Loans receivable, net, increased by $70.4 million, or 12.3%, to $641.5
million at September 30, 1997, compared to $571.1 million at December 31,
1996. Such increase was the result of a $18.4 million, or 80.1%, increase
in commercial real estate loans, a $16.6 million, or 45.9%, increase in
commercial business loans, a $5.9 million, or 22.9%, increase in home equity
loans, a $34.8 million, or 66.4%, increase in indirect automobile loans and
a $3.5 million, or 8.4%, increase in all other consumer loans. Such
increases were partially offset by a $7.5 million, or 1.9%, decrease in
single-family residential loans. The changes in the loan portfolio reflect
management's efforts to increase the originations of commercial real estate,
commercial business and indirect automobile loans. Such loans generally are
considered to involve more risk than 1-4 family residential mortgage loans,
but generally have higher yields. The Company's loan to deposit ratio at
September 30, 1997 was 81.9% compared to 75.1% at December 31, 1996. For
additional information on loans, see Note 2 to the Notes to Consolidated
Financial Statements.
The increase in loans receivable was funded primarily by a decrease in
interest bearing deposits at other institutions, a decrease in investment
securities available for sale, a decrease in mortgage-backed securities and
by an increase in customer deposits.
Interest bearing deposits at other institutions decreased $15.5 million, or
36.5%, to $27.0 million at September 30, 1997, compared to $42.6 million at
December 31, 1996.
The Company's investment securities available for sale decreased $10.1
million, or 9.9%, to $91.1 million at September 30, 1997, compared to $101.1
million at December 31, 1996. Such decrease was the result of the maturity
or redemption of $40.6 million of investment securities, which was partially
offset by the purchase of $30.3 million of investment securities together
with a $184,000 increase in the market value of such securities and $106,000
of premium amortization on such securities.

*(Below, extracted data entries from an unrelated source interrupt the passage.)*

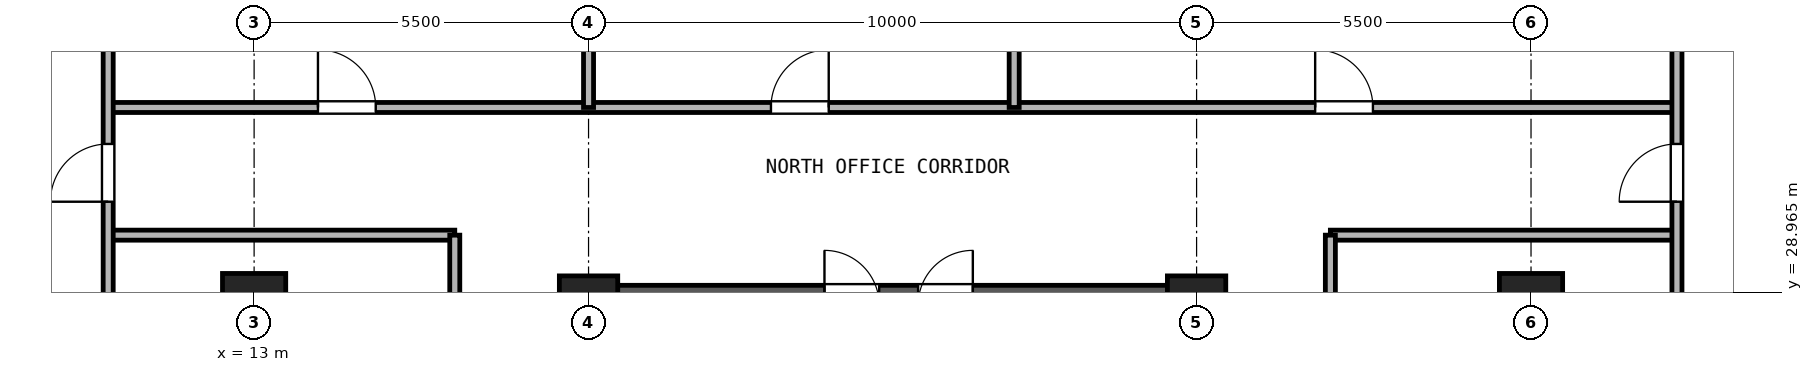
"""IFC4 building model, lengths in metres.
Left out: names, types, materials, properties, quantities, classifications, styles, units other than length and angle.
Written with IfcOpenShell. Run it as: python <this file> out.ifc"""

import sys

from ifc_helpers import new_model, si_unit, direction, frame, frame_2d, origin, origin_2d, place, context, subcontext, project, spatial, rectangle, hollow_rectangle, extrude, source, transform, mapped, element, fill, save


model = new_model("IFC4")
c1 = context("Model", 3, precision=1e-05, world=origin(), true_north=direction((0.0, 1.0)))
c2 = subcontext(c1, "Body", "Model", "MODEL_VIEW")
j1 = project(units=[si_unit("LENGTHUNIT", "METRE"), si_unit("PLANEANGLEUNIT", "RADIAN")], contexts=[c1])
p1 = place(None, origin())
s1 = spatial("IfcSite", under=j1, at=p1, CompositionType="ELEMENT")
p2 = place(p1, origin())
s2 = spatial("IfcBuilding", under=s1, at=p2, CompositionType="ELEMENT")
p3 = place(p2, frame((0.0, 0.0, 47.7)))
s3 = spatial("IfcBuildingStorey", under=s2, at=p3, CompositionType="ELEMENT", Elevation=47.7)
m1 = source(origin(), c2, "Body", "SweptSolid", [
    extrude(hollow_rectangle(XDim=1.04, YDim=1.04, WallThickness=0.065, at=origin_2d()), origin(), (0.0, 0.0, 1.0), 3.32),
])
p4 = place(p3, frame((13.0, 28.75, 0.0), z_axis=(0.0, 0.0, 1.0), x_axis=(1.0, 0.0, 0.0)))
e1 = element("IfcColumn", 1, at=p4, inside=s3, PredefinedType="COLUMN", context=c2, shape_type="MappedRepresentation", body=[
    mapped(m1, transform((0.0, 0.0, 0.0), x_axis=(1.0, 0.0, 0.0), y_axis=(0.0, 1.0, 0.0), z_axis=(0.0, 0.0, 1.0), scale=1.0)),
])
m2 = source(origin(), c2, "Body", "SweptSolid", [
    extrude(hollow_rectangle(XDim=0.96, YDim=0.96, WallThickness=0.06, at=origin_2d()), origin(), (0.0, 0.0, 1.0), 3.32),
])
for number, where, z_axis, x_axis in (
    (2, (18.5, 28.75, 0.0), (0.0, 0.0, 1.0), (1.0, 0.0, 0.0)),
    (3, (28.5, 28.75, 0.0), (0.0, 0.0, 1.0), (1.0, 0.0, 0.0)),
):
    element("IfcColumn", number, at=place(p3, frame(where, z_axis=z_axis, x_axis=x_axis)), inside=s3, PredefinedType="COLUMN", context=c2, shape_type="MappedRepresentation", body=[
        mapped(m2, transform((0.0, 0.0, 0.0), x_axis=(1.0, 0.0, 0.0), y_axis=(0.0, 1.0, 0.0), z_axis=(0.0, 0.0, 1.0), scale=1.0)),
    ])
p5 = place(p3, frame((34.0, 28.75, 0.0), z_axis=(0.0, 0.0, 1.0), x_axis=(1.0, 0.0, 0.0)))
e4 = element("IfcColumn", 4, at=p5, inside=s3, PredefinedType="COLUMN", context=c2, shape_type="MappedRepresentation", body=[
    mapped(m1, transform((0.0, 0.0, 0.0), x_axis=(1.0, 0.0, 0.0), y_axis=(0.0, 1.0, 0.0), z_axis=(0.0, 0.0, 1.0), scale=1.0)),
])
p6 = place(p3, frame((18.175, 28.75, 0.0), z_axis=(0.0, 0.0, 1.0), x_axis=(1.0, 0.0, 0.0)))
e5 = element("IfcWall", 5, at=p6, inside=s3, PredefinedType="SHEAR", context=c2, shape_type="SweptSolid", body=[
    extrude(rectangle(XDim=10.65, YDim=0.65, at=frame_2d((5.325, 0.0))), origin(), (0.0, 0.0, 1.0), 3.32),
])
p7 = place(p6, frame((4.205, 0.0, 0.0)))
e6 = element("IfcOpeningElement", 6, at=p7, cuts=e5, PredefinedType="OPENING", context=c2, shape_type="SweptSolid", body=[
    extrude(rectangle(XDim=0.9, YDim=2.05, at=frame_2d((0.45, 1.025))), frame((0.0, 0.335, 0.0), z_axis=(0.0, -1.0, 0.0), x_axis=(1.0, 0.0, 0.0)), (0.0, 0.0, 1.0), 0.67),
])
p8 = place(p6, frame((5.745, 0.0, 0.0)))
e7 = element("IfcOpeningElement", 7, at=p8, cuts=e5, PredefinedType="OPENING", context=c2, shape_type="SweptSolid", body=[
    extrude(rectangle(XDim=0.9, YDim=2.05, at=frame_2d((0.45, 1.025))), frame((0.0, 0.335, 0.0), z_axis=(0.0, -1.0, 0.0), x_axis=(1.0, 0.0, 0.0)), (0.0, 0.0, 1.0), 0.67),
])
p9 = place(p3, frame((10.6, 32.0, 0.0), z_axis=(0.0, 0.0, 1.0), x_axis=(1.0, 0.0, 0.0)))
e8 = element("IfcWall", 8, at=p9, inside=s3, PredefinedType="PARTITIONING", context=c2, shape_type="SweptSolid", body=[
    extrude(rectangle(XDim=25.8, YDim=0.165, at=frame_2d((12.9, 0.0))), origin(), (0.0, 0.0, 1.0), 3.32),
])
p10 = place(p9, frame((3.45, 0.0, 0.0)))
e9 = element("IfcOpeningElement", 9, at=p10, cuts=e8, PredefinedType="OPENING", context=c2, shape_type="SweptSolid", body=[
    extrude(rectangle(XDim=0.95, YDim=2.15, at=frame_2d((0.475, 1.075))), frame((0.0, 0.093, 0.0), z_axis=(0.0, -1.0, 0.0), x_axis=(1.0, 0.0, 0.0)), (0.0, 0.0, 1.0), 0.185),
])
p11 = place(p9, frame((10.9, 0.0, 0.0)))
e10 = element("IfcOpeningElement", 10, at=p11, cuts=e8, PredefinedType="OPENING", context=c2, shape_type="SweptSolid", body=[
    extrude(rectangle(XDim=0.95, YDim=2.15, at=frame_2d((0.475, 1.075))), frame((0.0, 0.093, 0.0), z_axis=(0.0, -1.0, 0.0), x_axis=(1.0, 0.0, 0.0)), (0.0, 0.0, 1.0), 0.185),
])
p12 = place(p9, frame((19.85, 0.0, 0.0)))
e11 = element("IfcOpeningElement", 11, at=p12, cuts=e8, PredefinedType="OPENING", context=c2, shape_type="SweptSolid", body=[
    extrude(rectangle(XDim=0.95, YDim=2.15, at=frame_2d((0.475, 1.075))), frame((0.0, 0.093, 0.0), z_axis=(0.0, -1.0, 0.0), x_axis=(1.0, 0.0, 0.0)), (0.0, 0.0, 1.0), 0.185),
])
for number, where, z_axis, x_axis in (
    (12, (10.6, 29.9, 0.0), (0.0, 0.0, 1.0), (1.0, 0.0, 0.0)),
    (13, (30.7, 29.9, 0.0), (0.0, 0.0, 1.0), (1.0, 0.0, 0.0)),
):
    element("IfcWall", number, at=place(p3, frame(where, z_axis=z_axis, x_axis=x_axis)), inside=s3, PredefinedType="PARTITIONING", context=c2, shape_type="SweptSolid", body=[
        extrude(rectangle(XDim=5.7, YDim=0.165, at=frame_2d((2.85, 0.0))), origin(), (0.0, 0.0, 1.0), 3.32),
    ])
p13 = place(p3, frame((16.3, 10.2, 0.0), z_axis=(0.0, 0.0, 1.0), x_axis=(0.0, 1.0, 0.0)))
e14 = element("IfcWall", 14, at=p13, inside=s3, PredefinedType="PARTITIONING", context=c2, shape_type="SweptSolid", body=[
    extrude(rectangle(XDim=19.7, YDim=0.165, at=frame_2d((9.85, 0.0))), origin(), (0.0, 0.0, 1.0), 3.32),
])
p14 = place(p13, frame((5.859, 0.0, 0.0)))
e15 = element("IfcOpeningElement", 15, at=p14, cuts=e14, PredefinedType="OPENING", context=c2, shape_type="SweptSolid", body=[
    extrude(rectangle(XDim=0.95, YDim=2.15, at=frame_2d((0.475, 1.075))), frame((0.0, 0.093, 0.0), z_axis=(0.0, -1.0, 0.0), x_axis=(1.0, 0.0, 0.0)), (0.0, 0.0, 1.0), 0.185),
])
p15 = place(p13, frame((15.709, 0.0, 0.0)))
e16 = element("IfcOpeningElement", 16, at=p15, cuts=e14, PredefinedType="OPENING", context=c2, shape_type="SweptSolid", body=[
    extrude(rectangle(XDim=0.95, YDim=2.15, at=frame_2d((0.475, 1.075))), frame((0.0, 0.093, 0.0), z_axis=(0.0, -1.0, 0.0), x_axis=(1.0, 0.0, 0.0)), (0.0, 0.0, 1.0), 0.185),
])
p16 = place(p3, frame((30.7, 10.2, 0.0), z_axis=(0.0, 0.0, 1.0), x_axis=(0.0, 1.0, 0.0)))
e17 = element("IfcWall", 17, at=p16, inside=s3, PredefinedType="PARTITIONING", context=c2, shape_type="SweptSolid", body=[
    extrude(rectangle(XDim=19.7, YDim=0.165, at=frame_2d((9.85, 0.0))), origin(), (0.0, 0.0, 1.0), 3.32),
])
p17 = place(p16, frame((9.35, 0.0, 0.0)))
e18 = element("IfcOpeningElement", 18, at=p17, cuts=e17, PredefinedType="OPENING", context=c2, shape_type="SweptSolid", body=[
    extrude(rectangle(XDim=0.95, YDim=2.15, at=frame_2d((0.475, 1.075))), frame((0.0, 0.093, 0.0), z_axis=(0.0, -1.0, 0.0), x_axis=(1.0, 0.0, 0.0)), (0.0, 0.0, 1.0), 0.185),
])
p18 = place(p3, frame((10.6, 0.16, 0.0), z_axis=(0.0, 0.0, 1.0), x_axis=(0.0, 1.0, 0.0)))
e19 = element("IfcWall", 19, at=p18, inside=s3, PredefinedType="PARTITIONING", context=c2, shape_type="SweptSolid", body=[
    extrude(rectangle(XDim=40.18, YDim=0.165, at=frame_2d((20.09, 0.0))), origin(), (0.0, 0.0, 1.0), 3.32),
])
p19 = place(p18, frame((8.49, 0.0, 0.0)))
e20 = element("IfcOpeningElement", 20, at=p19, cuts=e19, PredefinedType="OPENING", context=c2, shape_type="SweptSolid", body=[
    extrude(rectangle(XDim=0.95, YDim=2.15, at=frame_2d((0.475, 1.075))), frame((0.0, 0.093, 0.0), z_axis=(0.0, -1.0, 0.0), x_axis=(1.0, 0.0, 0.0)), (0.0, 0.0, 1.0), 0.185),
])
p20 = place(p18, frame((30.29, 0.0, 0.0)))
e21 = element("IfcOpeningElement", 21, at=p20, cuts=e19, PredefinedType="OPENING", context=c2, shape_type="SweptSolid", body=[
    extrude(rectangle(XDim=0.95, YDim=2.15, at=frame_2d((0.475, 1.075))), frame((0.0, 0.093, 0.0), z_axis=(0.0, -1.0, 0.0), x_axis=(1.0, 0.0, 0.0)), (0.0, 0.0, 1.0), 0.185),
])
p21 = place(p3, frame((36.4, 0.16, 0.0), z_axis=(0.0, 0.0, 1.0), x_axis=(0.0, 1.0, 0.0)))
e22 = element("IfcWall", 22, at=p21, inside=s3, PredefinedType="PARTITIONING", context=c2, shape_type="SweptSolid", body=[
    extrude(rectangle(XDim=40.18, YDim=0.165, at=frame_2d((20.09, 0.0))), origin(), (0.0, 0.0, 1.0), 3.32),
])
p22 = place(p21, frame((8.49, 0.0, 0.0)))
e23 = element("IfcOpeningElement", 23, at=p22, cuts=e22, PredefinedType="OPENING", context=c2, shape_type="SweptSolid", body=[
    extrude(rectangle(XDim=0.95, YDim=2.15, at=frame_2d((0.475, 1.075))), frame((0.0, 0.093, 0.0), z_axis=(0.0, -1.0, 0.0), x_axis=(1.0, 0.0, 0.0)), (0.0, 0.0, 1.0), 0.185),
])
p23 = place(p21, frame((30.29, 0.0, 0.0)))
e24 = element("IfcOpeningElement", 24, at=p23, cuts=e22, PredefinedType="OPENING", context=c2, shape_type="SweptSolid", body=[
    extrude(rectangle(XDim=0.95, YDim=2.15, at=frame_2d((0.475, 1.075))), frame((0.0, 0.093, 0.0), z_axis=(0.0, -1.0, 0.0), x_axis=(1.0, 0.0, 0.0)), (0.0, 0.0, 1.0), 0.185),
])
p24 = place(p3, frame((18.5, 32.0, 0.0), z_axis=(0.0, 0.0, 1.0), x_axis=(0.0, 1.0, 0.0)))
e25 = element("IfcWall", 25, at=p24, inside=s3, PredefinedType="PARTITIONING", context=c2, shape_type="SweptSolid", body=[
    extrude(rectangle(XDim=8.34, YDim=0.165, at=frame_2d((4.17, 0.0))), origin(), (0.0, 0.0, 1.0), 2.539),
])
p25 = place(p3, frame((25.5, 32.0, 0.0), z_axis=(0.0, 0.0, 1.0), x_axis=(0.0, 1.0, 0.0)))
e26 = element("IfcWall", 26, at=p25, inside=s3, PredefinedType="PARTITIONING", context=c2, shape_type="SweptSolid", body=[
    extrude(rectangle(XDim=8.34, YDim=0.165, at=frame_2d((4.17, 0.0))), origin(), (0.0, 0.0, 1.0), 3.32),
])
p26 = place(p10, origin())
e27 = element("IfcDoor", 27, at=p26, inside=s3, OperationType="SINGLE_SWING_LEFT", PredefinedType="DOOR", context=c2, shape_type="SweptSolid", body=[
    extrude(rectangle(XDim=0.95, YDim=2.15, at=frame_2d((0.475, 1.075))), frame((0.0, 0.025, 0.0), z_axis=(0.0, -1.0, 0.0), x_axis=(1.0, 0.0, 0.0)), (0.0, 0.0, 1.0), 0.05),
])
fill(e9, e27)
p27 = place(p11, origin())
e28 = element("IfcDoor", 28, at=p27, inside=s3, OperationType="SINGLE_SWING_RIGHT", PredefinedType="DOOR", context=c2, shape_type="SweptSolid", body=[
    extrude(rectangle(XDim=0.95, YDim=2.15, at=frame_2d((0.475, 1.075))), frame((0.0, 0.025, 0.0), z_axis=(0.0, -1.0, 0.0), x_axis=(1.0, 0.0, 0.0)), (0.0, 0.0, 1.0), 0.05),
])
fill(e10, e28)
p28 = place(p12, origin())
e29 = element("IfcDoor", 29, at=p28, inside=s3, OperationType="SINGLE_SWING_LEFT", PredefinedType="DOOR", context=c2, shape_type="SweptSolid", body=[
    extrude(rectangle(XDim=0.95, YDim=2.15, at=frame_2d((0.475, 1.075))), frame((0.0, 0.025, 0.0), z_axis=(0.0, -1.0, 0.0), x_axis=(1.0, 0.0, 0.0)), (0.0, 0.0, 1.0), 0.05),
])
fill(e11, e29)
p29 = place(p20, frame((0.95, 0.0, 0.0), z_axis=(0.0, 0.0, 1.0), x_axis=(-1.0, 0.0, 0.0)))
e30 = element("IfcDoor", 30, at=p29, inside=s3, OperationType="SINGLE_SWING_LEFT", PredefinedType="DOOR", context=c2, shape_type="SweptSolid", body=[
    extrude(rectangle(XDim=0.95, YDim=2.15, at=frame_2d((0.475, 1.075))), frame((0.0, 0.025, 0.0), z_axis=(0.0, -1.0, 0.0), x_axis=(1.0, 0.0, 0.0)), (0.0, 0.0, 1.0), 0.05),
])
fill(e21, e30)
p30 = place(p23, origin())
e31 = element("IfcDoor", 31, at=p30, inside=s3, OperationType="SINGLE_SWING_LEFT", PredefinedType="DOOR", context=c2, shape_type="SweptSolid", body=[
    extrude(rectangle(XDim=0.95, YDim=2.15, at=frame_2d((0.475, 1.075))), frame((0.0, 0.025, 0.0), z_axis=(0.0, -1.0, 0.0), x_axis=(1.0, 0.0, 0.0)), (0.0, 0.0, 1.0), 0.05),
])
fill(e24, e31)
save(model, sys.argv[1])

Mortgage-backed securities decreased $24.0 million, or 15.9%, from December
31, 1996 to September 30, 1997. Such decrease was attributable entirely to
repayments.
Deposits increased $22.9 million, or 3.0%, to $783.2 million at September
30, 1997, compared to $760.3 million at December 31, 1996. Such increase
was due to $2.9 million of net new deposits together with $20.0 million of
interest credited.
Advances from the FHLB of Dallas decreased $760,000, or 1.6%, to $47.0
million at September 30, 1997, compared to $47.8 million at December 31,
1996. The decrease in advances was attributable to scheduled payments
made. The advances are amortizing, fixed-rate and long term and were used
to fund originations of fixed-rate, long term single-family residential
loans.
Total stockholders' equity increased $1.2 million, or 1.1%, to $115.3
million at September 30,
10
<PAGE> 11
1997. The increase was the result of the Company's net income of $4.8
million, $1.2 million of common stock released by the ESOP, $308,000 of
common stock earned by participants of the Recognition and Retention Plan
and a $121,000, after deferred taxes, increase in net unrealized gains on
securities available for sale, which was partially offset by the declaration
of cash dividends on common stock of $2.1 million and $3.1 million of stock
repurchased into treasury.
RESULTS OF OPERATIONS
The Company reported net income of $1.3 million for the three months ended
September 30, 1997, compared to a net loss of $193,000 during the three
month period ended September 30, 1996. Net income for the three months
ended September 30, 1996 included a one-time SAIF assessment of $2.9
million. Excluding the SAIF assessment and its tax effect, net income for
the three months ended September 30, 1996 was $1.7 million. The Company's
net interest income increased by $1.7 million, total noninterest income
increased by $1.1 million and total noninterest expense decreased $95,000
during the three months ended September 30, 1997 compared to the third
quarter of 1996. Such changes were partially offset by a $275,000 increase
in provision for loan losses and a $1.0 million increase in income tax
expense. The change in noninterest expense includes an increase of $325,000
in the amortization of goodwill and other acquired intangibles.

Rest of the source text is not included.